Feasible regions
Feasible Regions
The feasible region is the set of all points that satisfy every constraint of the problem.
In graphical linear programming, it is the overlap of all half-planes.
Definition
For constraints:
\[g_i(x)\le b_i,\qquad i=1,\ldots,m\]and sign restrictions:
\[x\ge 0\]the feasible region is:
\[S=\{x\mid g_i(x)\le b_i\text{ for all }i,\ x\ge 0\}\]For a two-variable LP, $S$ is drawn in the $x_1x_2$-plane.
Feasible Point
A point is feasible if it belongs to the feasible region.
That means it satisfies every constraint.
A point that violates even one constraint is not feasible.
Example
Consider:
\[x_1+2x_2\le 10\] \[2x_1+x_2\le 16\] \[-x_1+x_2\le 3\] \[x_1,x_2\ge 0\]The point $(2,2)$ is feasible because:
\[2+2(2)=6\le 10\] \[2(2)+2=6\le 16\] \[-2+2=0\le 3\]and:
\[2\ge 0, \qquad 2\ge 0\]The point $(9,2)$ is not feasible because:
\[9+2(2)=13>10\]It violates the first constraint.
Geometry
Each inequality gives a half-plane.
The feasible region is:
\[\text{half-plane 1}\cap\text{half-plane 2}\cap\cdots\cap\text{half-plane m}\]Because half-planes are convex, their intersection is convex.

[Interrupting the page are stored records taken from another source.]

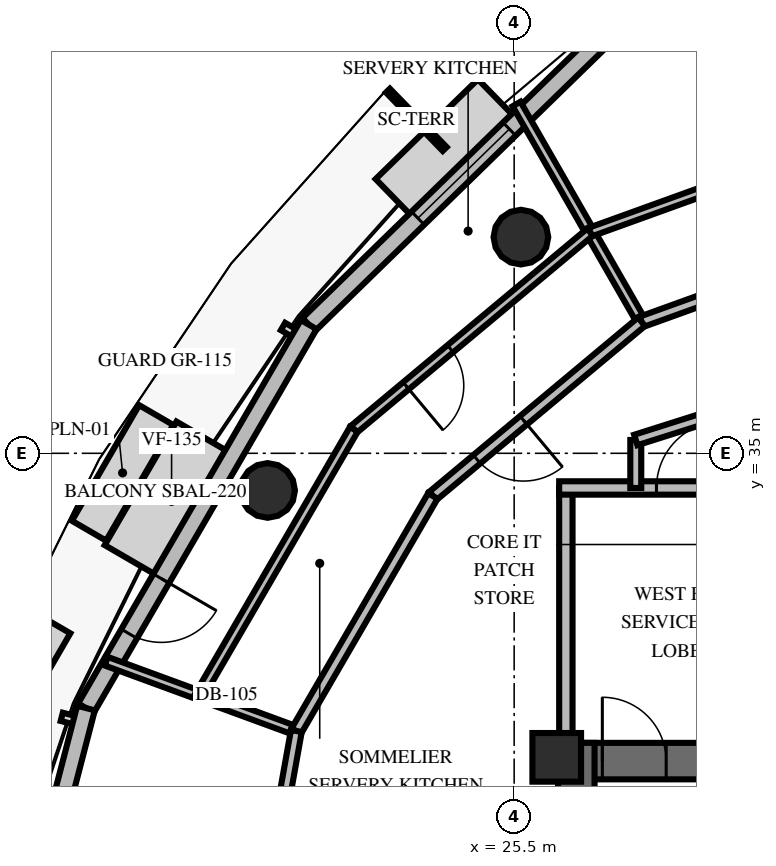
"""IFC4 building model, lengths in metres.
Left out: names, types, materials, properties, quantities, classifications, styles, units other than length and angle.
Written with IfcOpenShell. Run it as: python <this file> out.ifc"""

import sys

from ifc_helpers import new_model, si_unit, direction, frame, frame_2d, origin, origin_2d, place, context, subcontext, project, spatial, rectangle, circle, extrude, element, fill, save


model = new_model("IFC4")
c1 = context("Model", 3, precision=1e-05, world=origin(), true_north=direction((0.0, 1.0)))
c2 = subcontext(c1, "Body", "Model", "MODEL_VIEW")
j1 = project(units=[si_unit("LENGTHUNIT", "METRE"), si_unit("PLANEANGLEUNIT", "RADIAN")], contexts=[c1])
p1 = place(None, origin())
s1 = spatial("IfcSite", under=j1, at=p1, CompositionType="ELEMENT")
p2 = place(p1, origin())
s2 = spatial("IfcBuilding", under=s1, at=p2, CompositionType="ELEMENT")
p3 = place(p2, frame((0.0, 0.0, 277.2)))
s3 = spatial("IfcBuildingStorey", under=s2, at=p3, CompositionType="ELEMENT", Elevation=277.2)
p4 = place(p3, frame((26.222, 29.938, 0.0), z_axis=(0.0, 0.0, 1.0), x_axis=(1.0, 0.0, 0.0)))
e1 = element("IfcWall", 1, at=p4, inside=s3, PredefinedType="SHEAR", context=c2, shape_type="SweptSolid", body=[
    extrude(rectangle(XDim=15.566, YDim=0.6, at=frame_2d((7.783, 0.0))), origin(), (0.0, 0.0, 1.0), 3.6),
])
p5 = place(p4, frame((0.728, 0.0, 0.0)))
e2 = element("IfcOpeningElement", 2, at=p5, cuts=e1, PredefinedType="OPENING", context=c2, shape_type="SweptSolid", body=[
    extrude(rectangle(XDim=1.05, YDim=2.15, at=frame_2d((0.525, 1.075))), frame((0.0, 0.31, 0.0), z_axis=(0.0, -1.0, 0.0), x_axis=(1.0, 0.0, 0.0)), (0.0, 0.0, 1.0), 0.62),
])
p6 = place(p4, frame((13.778, 0.0, 0.0)))
e3 = element("IfcOpeningElement", 3, at=p6, cuts=e1, PredefinedType="OPENING", context=c2, shape_type="SweptSolid", body=[
    extrude(rectangle(XDim=1.05, YDim=2.15, at=frame_2d((0.525, 1.075))), frame((0.0, 0.31, 0.0), z_axis=(0.0, -1.0, 0.0), x_axis=(1.0, 0.0, 0.0)), (0.0, 0.0, 1.0), 0.62),
])
p7 = place(p4, frame((7.228, 0.0, 0.0)))
e4 = element("IfcOpeningElement", 4, at=p7, cuts=e1, PredefinedType="OPENING", context=c2, shape_type="SweptSolid", body=[
    extrude(rectangle(XDim=1.1, YDim=2.15, at=frame_2d((0.55, 1.075))), frame((0.0, 0.31, 0.0), z_axis=(0.0, -1.0, 0.0), x_axis=(1.0, 0.0, 0.0)), (0.0, 0.0, 1.0), 0.62),
])
p8 = place(p3, frame((26.522, 19.962, 0.0), z_axis=(0.0, 0.0, 1.0), x_axis=(0.0, 1.0, 0.0)))
e5 = element("IfcWall", 5, at=p8, inside=s3, PredefinedType="SHEAR", context=c2, shape_type="SweptSolid", body=[
    extrude(rectangle(XDim=10.276, YDim=0.6, at=frame_2d((5.138, 0.0))), origin(), (0.0, 0.0, 1.0), 3.6),
])
p9 = place(p3, frame((26.2, 30.0, 0.0), z_axis=(0.0, 0.0, 1.0), x_axis=(1.0, 0.0, 0.0)))
e6 = element("IfcColumn", 6, at=p9, inside=s3, PredefinedType="PILASTER", context=c2, shape_type="SweptSolid", body=[
    extrude(rectangle(XDim=0.8, YDim=0.8, at=origin_2d()), origin(), (0.0, 0.0, 1.0), 3.6),
])
for number, where, z_axis, x_axis in (
    (7, (25.611, 38.555, 0.0), (0.0, 0.0, 1.0), (1.0, 0.0, 0.0)),
    (8, (21.445, 34.389, 0.0), (0.0, 0.0, 1.0), (1.0, 0.0, 0.0)),
):
    element("IfcColumn", number, at=place(p3, frame(where, z_axis=z_axis, x_axis=x_axis)), inside=s3, PredefinedType="COLUMN", context=c2, shape_type="SweptSolid", body=[
        extrude(circle(Radius=0.45, at=origin_2d()), origin(), (0.0, 0.0, 1.0), 3.6),
    ])
p10 = place(p3, frame((27.217, 42.083, 0.0), z_axis=(0.0, 0.0, 1.0), x_axis=(-0.716208919205, -0.697885939142, 0.0)))
e9 = element("IfcWall", 9, at=p10, inside=s3, PredefinedType="SOLIDWALL", context=c2, shape_type="SweptSolid", body=[
    extrude(rectangle(XDim=7.115, YDim=0.3, at=frame_2d((3.558, 0.0))), origin(), (0.0, 0.0, 1.0), 2.76),
])
p11 = place(p10, frame((2.508, 0.0, 0.8)))
e10 = element("IfcOpeningElement", 10, at=p11, cuts=e9, PredefinedType="OPENING", context=c2, shape_type="SweptSolid", body=[
    extrude(rectangle(XDim=2.1, YDim=1.85, at=frame_2d((1.05, 0.925))), frame((0.0, 0.16, 0.0), z_axis=(0.0, -1.0, 0.0), x_axis=(1.0, 0.0, 0.0)), (0.0, 0.0, 1.0), 0.32),
])
p12 = place(p3, frame((22.121, 37.117, 0.0), z_axis=(0.0, 0.0, 1.0), x_axis=(-0.502255031748, -0.864719540131, 0.0)))
e11 = element("IfcWall", 11, at=p12, inside=s3, PredefinedType="SOLIDWALL", context=c2, shape_type="SweptSolid", body=[
    extrude(rectangle(XDim=7.293, YDim=0.3, at=frame_2d((3.646, 0.0))), origin(), (0.0, 0.0, 1.0), 2.76),
])
p13 = place(p12, frame((4.83, 0.0, 0.0)))
e12 = element("IfcOpeningElement", 12, at=p13, cuts=e11, PredefinedType="OPENING", context=c2, shape_type="SweptSolid", body=[
    extrude(rectangle(XDim=1.05, YDim=2.15, at=frame_2d((0.525, 1.075))), frame((0.0, 0.16, 0.0), z_axis=(0.0, -1.0, 0.0), x_axis=(1.0, 0.0, 0.0)), (0.0, 0.0, 1.0), 0.32),
])
p14 = place(p3, frame((18.458, 30.81, 0.0), z_axis=(0.0, 0.0, 1.0), x_axis=(-0.251374151945, -0.967889991546, 0.0)))
e13 = element("IfcWall", 13, at=p14, inside=s3, PredefinedType="SOLIDWALL", context=c2, shape_type="SweptSolid", body=[
    extrude(rectangle(XDim=7.115, YDim=0.3, at=frame_2d((3.558, 0.0))), origin(), (0.0, 0.0, 1.0), 2.76),
])
p15 = place(p14, frame((2.508, 0.0, 0.8)))
e14 = element("IfcOpeningElement", 14, at=p15, cuts=e13, PredefinedType="OPENING", context=c2, shape_type="SweptSolid", body=[
    extrude(rectangle(XDim=2.1, YDim=1.85, at=frame_2d((1.05, 0.925))), frame((0.0, 0.16, 0.0), z_axis=(0.0, -1.0, 0.0), x_axis=(1.0, 0.0, 0.0)), (0.0, 0.0, 1.0), 0.32),
])
p16 = place(p3, frame((26.35, 30.05, 0.0), z_axis=(0.0, 0.0, 1.0), x_axis=(0.0, 1.0, 0.0)))
e15 = element("IfcWall", 15, at=p16, inside=s3, PredefinedType="SOLIDWALL", context=c2, shape_type="SweptSolid", body=[
    extrude(rectangle(XDim=4.38, YDim=0.22, at=frame_2d((2.19, 0.0))), origin(), (0.0, 0.0, 1.0), 2.46),
])
p17 = place(p3, frame((26.24, 34.43, 0.0), z_axis=(0.0, 0.0, 1.0), x_axis=(1.0, 0.0, 0.0)))
e16 = element("IfcWall", 16, at=p17, inside=s3, PredefinedType="SOLIDWALL", context=c2, shape_type="SweptSolid", body=[
    extrude(rectangle(XDim=4.31, YDim=0.22, at=frame_2d((2.155, 0.0))), origin(), (0.0, 0.0, 1.0), 2.46),
])
p18 = place(p17, frame((1.6, 0.0, 0.0)))
e17 = element("IfcOpeningElement", 17, at=p18, cuts=e16, PredefinedType="OPENING", context=c2, shape_type="SweptSolid", body=[
    extrude(rectangle(XDim=1.1, YDim=2.15, at=frame_2d((0.55, 1.075))), frame((0.0, 0.12, 0.0), z_axis=(0.0, -1.0, 0.0), x_axis=(1.0, 0.0, 0.0)), (0.0, 0.0, 1.0), 0.24),
])
p19 = place(p3, frame((27.5, 34.43, 0.0), z_axis=(0.0, 0.0, 1.0), x_axis=(0.0, 1.0, 0.0)))
e18 = element("IfcWall", 18, at=p19, inside=s3, PredefinedType="PARTITIONING", context=c2, shape_type="SweptSolid", body=[
    extrude(rectangle(XDim=0.789, YDim=0.18, at=frame_2d((0.395, 0.0))), origin(), (0.0, 0.0, 1.0), 2.46),
])
p20 = place(p3, frame((27.5, 35.219, 0.0), z_axis=(0.0, 0.0, 1.0), x_axis=(0.953228121756, 0.302251795518, 0.0)))
e19 = element("IfcWall", 19, at=p20, inside=s3, PredefinedType="PARTITIONING", context=c2, shape_type="SweptSolid", body=[
    extrude(rectangle(XDim=6.819, YDim=0.18, at=frame_2d((3.409, 0.0))), origin(), (0.0, 0.0, 1.0), 2.46),
])
p21 = place(p20, frame((2.86, 0.0, 0.0)))
e20 = element("IfcOpeningElement", 20, at=p21, cuts=e19, PredefinedType="OPENING", context=c2, shape_type="SweptSolid", body=[
    extrude(rectangle(XDim=1.1, YDim=2.15, at=frame_2d((0.55, 1.075))), frame((0.0, 0.1, 0.0), z_axis=(0.0, -1.0, 0.0), x_axis=(1.0, 0.0, 0.0)), (0.0, 0.0, 1.0), 0.2),
])
p22 = place(p3, frame((27.594, 37.163, 0.0), z_axis=(0.0, 0.0, 1.0), x_axis=(-0.497723411818, 0.867335808859, 0.0)))
e21 = element("IfcWall", 21, at=p22, inside=s3, PredefinedType="PARTITIONING", context=c2, shape_type="SweptSolid", body=[
    extrude(rectangle(XDim=4.13, YDim=0.15, at=frame_2d((2.065, 0.0))), origin(), (0.0, 0.0, 1.0), 2.46),
])
p23 = place(p3, frame((31.798, 38.68, 0.0), z_axis=(0.0, 0.0, 1.0), x_axis=(-0.940577162763, -0.339580036057, 0.0)))
e22 = element("IfcWall", 22, at=p23, inside=s3, PredefinedType="PARTITIONING", context=c2, shape_type="SweptSolid", body=[
    extrude(rectangle(XDim=4.47, YDim=0.18, at=frame_2d((2.235, 0.0))), origin(), (0.0, 0.0, 1.0), 2.46),
])
p24 = place(p3, frame((31.508, 40.355, 0.0), z_axis=(0.0, 0.0, 1.0), x_axis=(-0.940582581296, -0.339565027297, 0.0)))
e23 = element("IfcWall", 23, at=p24, inside=s3, PredefinedType="PARTITIONING", context=c2, shape_type="SweptSolid", body=[
    extrude(rectangle(XDim=5.06, YDim=0.15, at=frame_2d((2.53, 0.0))), origin(), (0.0, 0.0, 1.0), 2.46),
])
p25 = place(p3, frame((21.918, 30.433, 0.0), z_axis=(0.0, 0.0, 1.0), x_axis=(-0.938796538143, 0.344472146871, 0.0)))
e24 = element("IfcWall", 24, at=p25, inside=s3, PredefinedType="PARTITIONING", context=c2, shape_type="SweptSolid", body=[
    extrude(rectangle(XDim=3.331, YDim=0.15, at=frame_2d((1.666, 0.0))), origin(), (0.0, 0.0, 1.0), 2.46),
])
p26 = place(p3, frame((27.594, 37.163, 0.0), z_axis=(0.0, 0.0, 1.0), x_axis=(-0.767746496496, -0.640753710187, 0.0)))
e25 = element("IfcWall", 25, at=p26, inside=s3, PredefinedType="PARTITIONING", context=c2, shape_type="SweptSolid", body=[
    extrude(rectangle(XDim=4.47, YDim=0.18, at=frame_2d((2.235, 0.0))), origin(), (0.0, 0.0, 1.0), 2.46),
])
p27 = place(p26, frame((2.527, 0.0, 0.0)))
e26 = element("IfcOpeningElement", 26, at=p27, cuts=e25, PredefinedType="OPENING", context=c2, shape_type="SweptSolid", body=[
    extrude(rectangle(XDim=1.0, YDim=2.15, at=frame_2d((0.5, 1.075))), frame((0.0, 0.1, 0.0), z_axis=(0.0, -1.0, 0.0), x_axis=(1.0, 0.0, 0.0)), (0.0, 0.0, 1.0), 0.2),
])
p28 = place(p3, frame((24.163, 34.299, 0.0), z_axis=(0.0, 0.0, 1.0), x_axis=(-0.502226433787, -0.864736150051, 0.0)))
e27 = element("IfcWall", 27, at=p28, inside=s3, PredefinedType="PARTITIONING", context=c2, shape_type="SweptSolid", body=[
    extrude(rectangle(XDim=4.47, YDim=0.18, at=frame_2d((2.235, 0.0))), origin(), (0.0, 0.0, 1.0), 2.46),
])
p29 = place(p3, frame((26.748, 38.637, 0.0), z_axis=(0.0, 0.0, 1.0), x_axis=(-0.767722747494, -0.640782164999, 0.0)))
e28 = element("IfcWall", 28, at=p29, inside=s3, PredefinedType="PARTITIONING", context=c2, shape_type="SweptSolid", body=[
    extrude(rectangle(XDim=5.06, YDim=0.15, at=frame_2d((2.53, 0.0))), origin(), (0.0, 0.0, 1.0), 2.46),
])
p30 = place(p29, frame((2.993, 0.0, 0.0)))
e29 = element("IfcOpeningElement", 29, at=p30, cuts=e28, PredefinedType="OPENING", context=c2, shape_type="SweptSolid", body=[
    extrude(rectangle(XDim=0.95, YDim=2.15, at=frame_2d((0.475, 1.075))), frame((0.0, 0.085, 0.0), z_axis=(0.0, -1.0, 0.0), x_axis=(1.0, 0.0, 0.0)), (0.0, 0.0, 1.0), 0.17),
])
p31 = place(p3, frame((22.863, 35.395, 0.0), z_axis=(0.0, 0.0, 1.0), x_axis=(-0.502268204586, -0.864711888817, 0.0)))
e30 = element("IfcWall", 30, at=p31, inside=s3, PredefinedType="PARTITIONING", context=c2, shape_type="SweptSolid", body=[
    extrude(rectangle(XDim=5.06, YDim=0.15, at=frame_2d((2.53, 0.0))), origin(), (0.0, 0.0, 1.0), 2.46),
])
p32 = place(p3, frame((21.918, 30.433, 0.0), z_axis=(0.0, 0.0, 1.0), x_axis=(-0.176265133865, -0.98434272618, 0.0)))
e31 = element("IfcWall", 31, at=p32, inside=s3, PredefinedType="PARTITIONING", context=c2, shape_type="SweptSolid", body=[
    extrude(rectangle(XDim=4.47, YDim=0.18, at=frame_2d((2.235, 0.0))), origin(), (0.0, 0.0, 1.0), 2.46),
])
p33 = place(p11, origin())
e32 = element("IfcWindow", 32, at=p33, inside=s3, PartitioningType="SINGLE_PANEL", PredefinedType="WINDOW", context=c2, shape_type="SweptSolid", body=[
    extrude(rectangle(XDim=2.1, YDim=1.85, at=frame_2d((1.05, 0.925))), frame((0.0, 0.03, 0.0), z_axis=(0.0, -1.0, 0.0), x_axis=(1.0, 0.0, 0.0)), (0.0, 0.0, 1.0), 0.06),
])
fill(e10, e32)
p34 = place(p13, origin())
e33 = element("IfcDoor", 33, at=p34, inside=s3, OperationType="SINGLE_SWING_LEFT", PredefinedType="DOOR", context=c2, shape_type="SweptSolid", body=[
    extrude(rectangle(XDim=1.05, YDim=2.15, at=frame_2d((0.525, 1.075))), frame((0.0, 0.025, 0.0), z_axis=(0.0, -1.0, 0.0), x_axis=(1.0, 0.0, 0.0)), (0.0, 0.0, 1.0), 0.05),
])
fill(e12, e33)
p35 = place(p5, origin())
e34 = element("IfcDoor", 34, at=p35, inside=s3, OperationType="SINGLE_SWING_LEFT", PredefinedType="DOOR", context=c2, shape_type="SweptSolid", body=[
    extrude(rectangle(XDim=1.05, YDim=2.15, at=frame_2d((0.525, 1.075))), frame((0.0, 0.025, 0.0), z_axis=(0.0, -1.0, 0.0), x_axis=(1.0, 0.0, 0.0)), (0.0, 0.0, 1.0), 0.05),
])
fill(e2, e34)
p36 = place(p18, origin())
e35 = element("IfcDoor", 35, at=p36, inside=s3, OperationType="SINGLE_SWING_RIGHT", PredefinedType="DOOR", context=c2, shape_type="SweptSolid", body=[
    extrude(rectangle(XDim=1.1, YDim=2.15, at=frame_2d((0.55, 1.075))), frame((0.0, 0.025, 0.0), z_axis=(0.0, -1.0, 0.0), x_axis=(1.0, 0.0, 0.0)), (0.0, 0.0, 1.0), 0.05),
])
fill(e17, e35)
p37 = place(p27, origin())
e36 = element("IfcDoor", 36, at=p37, inside=s3, OperationType="SINGLE_SWING_LEFT", PredefinedType="DOOR", context=c2, shape_type="SweptSolid", body=[
    extrude(rectangle(XDim=1.0, YDim=2.15, at=frame_2d((0.5, 1.075))), frame((0.0, 0.025, 0.0), z_axis=(0.0, -1.0, 0.0), x_axis=(1.0, 0.0, 0.0)), (0.0, 0.0, 1.0), 0.05),
])
fill(e26, e36)
p38 = place(p30, origin())
e37 = element("IfcDoor", 37, at=p38, inside=s3, OperationType="SINGLE_SWING_RIGHT", PredefinedType="DOOR", context=c2, shape_type="SweptSolid", body=[
    extrude(rectangle(XDim=0.95, YDim=2.15, at=frame_2d((0.475, 1.075))), frame((0.0, 0.025, 0.0), z_axis=(0.0, -1.0, 0.0), x_axis=(1.0, 0.0, 0.0)), (0.0, 0.0, 1.0), 0.05),
])
fill(e29, e37)
save(model, sys.argv[1])

Therefore, LP feasible regions are convex.
Convex Meaning
If $x$ and $y$ are feasible, then every point on the line segment between them is feasible.
That is:
\[\alpha x+(1-\alpha)y\in S\]for every:
\[0\le \alpha\le 1\]This is why LP feasible regions have no holes or curved inward dents.
Boundary
The boundary of a feasible region is made from active constraint lines.
A constraint is active at a point if it holds as equality.
Example:
At a point satisfying:
\[x_1+2x_2=10\]the constraint:
\[x_1+2x_2\le 10\]is active.
Vertices
A vertex is a corner of the feasible region.
In two dimensions, vertices usually occur where two boundary lines intersect.
Example:
The intersection of:
\[x_1+2x_2=10\]and:
\[2x_1+x_2=16\]is:
\[\left(\frac{22}{3},\frac{4}{3}\right)\]This point is a vertex if it satisfies all other constraints.
Bounded Feasible Region
A feasible region is bounded if it does not extend infinitely.
In two dimensions, a bounded feasible region is a polygon contained inside some large circle.
A bounded feasible region can have:
- one optimal vertex
- multiple optimal points along an edge
- no unique optimum if the objective is constant on a region
But if it is nonempty, a linear objective always has a finite maximum and minimum on a bounded closed polygon.
Unbounded Feasible Region
A feasible region is unbounded if it extends infinitely in at least one direction.
This does not automatically mean the LP is unbounded.
The LP is unbounded only if the objective improves forever along an unbounded feasible direction.
Empty Feasible Region
If no point satisfies all constraints, the feasible region is empty.
Then the LP is infeasible.
Example:
\[x_1\ge 2\] \[x_1\le 1\]No point can satisfy both.
Feasible Region vs Objective
The feasible region depends only on constraints.
The objective function does not change the feasible region.
The objective function only decides which feasible point is best.
Checklist
You understand feasible regions if you can:
- test whether a point is feasible
- draw the overlap of several half-planes
- identify active constraints
- identify vertices
- distinguish bounded, unbounded, and empty feasible regions
- explain why feasibility is separate from optimality
See Also
- Feasible Sets
- Plotting Linear Inequalities
- Vertex Optimality
- Graphical Infeasibility
- Graphical Unboundedness
Exam checkpoint
For graphical questions, first check whether nonnegativity is explicitly stated. Then draw half-planes, list vertices, evaluate the objective, and state finite optimum, infeasibility, multiple optima, or unboundedness.